Reinforcement Learning Enhanced Particle Swarm Optimization (RLEPSO)

Author: Tianjiang Says
Contributing institutions: School of Astronautics, Harbin Institute of Technology; National Key Laboratory of Rapid Design and Intelligent Swarm for Micro/Nano Spacecraft
References: Guan Yutong et al. Hyperparameter Auto-Tuning and Homotopy Methods for Spacecraft Long-Range Cooperative Rendezvous, Spacecraft Environment Engineering, 2026.

Definition

Reinforcement Learning Enhanced Particle Swarm Optimization (RLEPSO) is a hybrid optimization algorithm that combines the Deep Deterministic Policy Gradient (DDPG) with Hybrid Cluster Particle Swarm Optimization (HCPSO). RLEPSO uses the DDPG Actor network to autonomously and dynamically adjust HCPSO hyperparameters based on the particle search state, achieving autonomous tuning of algorithm parameters and significantly improving the searchability and convergence speed of the optimization algorithm.

Core Principles

Algorithm Architecture

RLEPSO embeds the DDPG framework on top of HCPSO:

Initialization: Set initial HCPSO parameters and establish DDPG Actor-Critic networks
State perception: Compute state variables from the current iteration state (stagnation time, duration, iteration progress, particle distribution dispersion, particle distribution direction)
Action output: The Actor network outputs hyperparameter adjustment actions
Parameter update: Decode actions into HCPSO parameters such as inertia weight and acceleration factors
Experience replay: Store experience samples for training the Critic network
Iterative optimization: Repeat steps 2-5 until convergence

State Design

RLEPSO uses the following state variables:

State Variable	Definition	Physical Meaning
$T_{stop}$	Stagnation start time	Detects whether the algorithm has stagnated
$T_{dur}$	Stagnation duration	Assesses the severity of stagnation
$T_{run}$	Iteration progress	Ratio of current iteration to maximum iterations
$D_s$	Particle distribution dispersion	Characterizes the degree of particle clustering
$D_r$	Particle distribution direction	Characterizes the directional properties of particle distribution

Actions and Reward

Action: The Actor network outputs a 16-dimensional action vector, decoded into 8 HCPSO hyperparameters ( $\omega_1, c_{11}, c_{12}, \mu_q, \omega_2, c_{21}, c_{22}, p_s$ )

Reward function:

r = \tanh\left((f_g - f_c) \cdot T_{run}\right)

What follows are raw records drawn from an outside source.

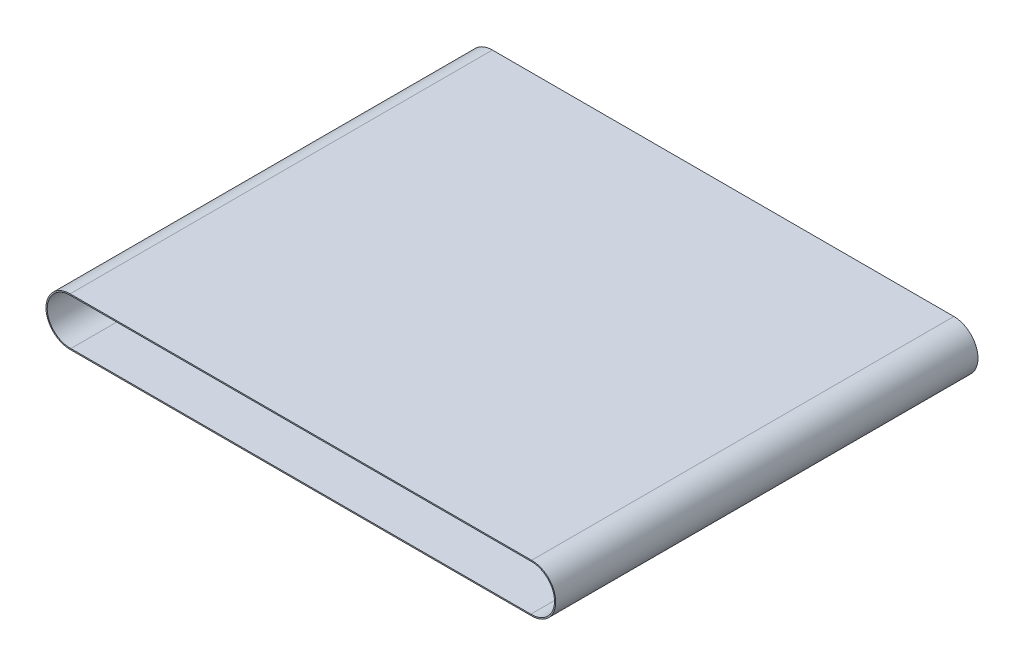
from build123d import *

# Parameters (mm, degrees)
EXTRUDE_1_DEPTH      = 350
EXTRUDE_2_DEPTH      = 352
EXTRUDE_2_DEPTH_BACK = 361


with BuildPart() as part:
    # 草图1 → 拉伸-薄壁1 (new, symmetric)
    with BuildSketch(Plane.XY):
        with BuildLine():
            Line((381.234257801, -39.979968693), (-381.234257801, -39.979968693))
            ThreePointArc((-381.234257801, -39.979968693), (-422.49499186, -0.632950347), (-382.5, 40))
            Line((-382.5, 40), (382.5, 40))
            ThreePointArc((382.5, 40), (422.49499186, -0.632950347), (381.234257801, -39.979968693))
        make_face()
        with BuildLine():
            Line((381.26631524, -37.979968693), (-381.26631524, -37.979968693))
            ThreePointArc((-381.26631524, -37.979968693), (-420.494991843, -0.616923686), (-382.5, 38))
            Line((-382.5, 38), (382.5, 38))
            ThreePointArc((382.5, 38), (420.494991843, -0.616923686), (381.26631524, -37.979968693))
        make_face(mode=Mode.SUBTRACT)
    extrude(amount=EXTRUDE_1_DEPTH, both=True)

    # 草图4 → 凸台-拉伸2 (add, two sides: drawn at the far end of the back side and taken through both)
    with BuildSketch(Plane(origin=(0, 0, 0), x_dir=(0, 0, -1), z_dir=(1, 0, 0)).offset(-EXTRUDE_2_DEPTH_BACK)):
        Polygon((4, 38), (-4, 38), (-2.5, 33), (2.5, 33), align=None)
    extrude(amount=EXTRUDE_2_DEPTH + EXTRUDE_2_DEPTH_BACK)


solid = part.part
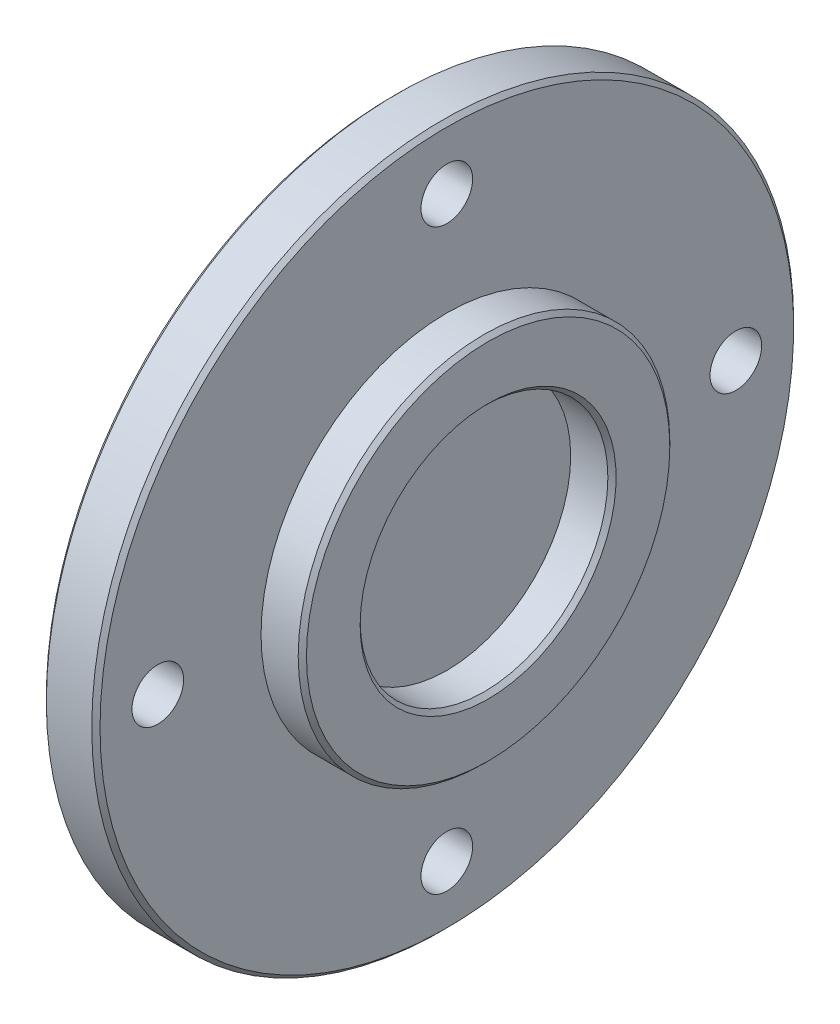
SolidWorks part; units mm, degrees
material "普通碳钢"
ref_plane "前视基准面" through (0, 0, 0) normal (0, 0, 1) x (1, 0, 0)
ref_plane "上视基准面" through (0, 0, 0) normal (0, 1, 0) x (1, 0, 0)
ref_plane "右视基准面" through (0, 0, 0) normal (1, 0, 0) x (0, 0, -1)
sketch "草图1" plane through (0, 0, 0) normal (0, 0, 1) x (1, 0, 0)
  line L0 (0, 0) -> (0, 290.7532) construction
  line L1 (0, 0) -> (356.4696, 0) construction
  line L2 (0, 0) -> (0, 85)
  line L3 (0, 85) -> (13, 85)
  line L4 (13, 85) -> (13, 45)
  line L5 (13, 45) -> (23, 45)
  line L6 (23, 45) -> (23, 30)
  line L7 (23, 30) -> (13, 30)
  line L8 (13, 30) -> (13, 0)
  line L9 (13, 0) -> (0, 0)
  dimension "D1" = 170
  dimension "D2" = 90
  dimension "D3" = 15
  dimension "D4" = 13
  dimension "D5" = 10
revolve "旋转1" add sketch "草图1" angle 360 about L1
sketch "草图2" plane through (0, 0, 0) normal (-1, 0, 0) x (0, 0, 1)
  line L0 (0, 0) -> (0, 70) construction
  circle A0 centre (0, 70) radius 6.25
  dimension "D2" = 12.5
  dimension "D1" = 70
extrude "切除-拉伸1" cut sketch "草图2" against normal through all
pattern_circular "阵列(圆周)1" count 4 over 360 about axis through (0, 0, 0) along (1, 0, 0) of "切除-拉伸1"
chamfer "倒角1" distance 1 angle 45 4 edges at (23, 0, 30) (23, 0, 45) (0, 0, 85) (13, 0, 85)

where $f_g$ is the global best fitness and $f_c$ is the current generation best fitness.

Application in Spacecraft Cooperative Rendezvous

Zhao Han et al. (2026) combined RLEPSO with the homotopy method to solve the fuel-optimal problem for long-range spacecraft cooperative rendezvous under $J_2$ perturbation:

Energy-optimal solution: RLEPSO rapidly obtains high-quality initial costates
Homotopy transition: Smooth transition from energy-optimal to fuel-optimal
Results: Compared with PSO and HCPSO, RLEPSO obtained higher-quality initial costates with faster convergence

Simulation Results

Parameter	RLEPSO-Homotopy	Homotopy-SQP Coupled
Fuel consumption	205.40 kg	210.36 kg
Rendezvous time	208.89 TU	225.44 TU
Terminal rendezvous distance	0.7078 km	9.3624 km

References

Guan Yutong, Gao Changsheng, Hu Yudong, Zhao Han. Hyperparameter Auto-Tuning and Homotopy Methods for Spacecraft Long-Range Cooperative Rendezvous[J]. Spacecraft Environment Engineering, 2026. [in Chinese]
Lillicrap T P, et al. Continuous control with deep reinforcement learning[J]. arXiv:1509.02971, 2015.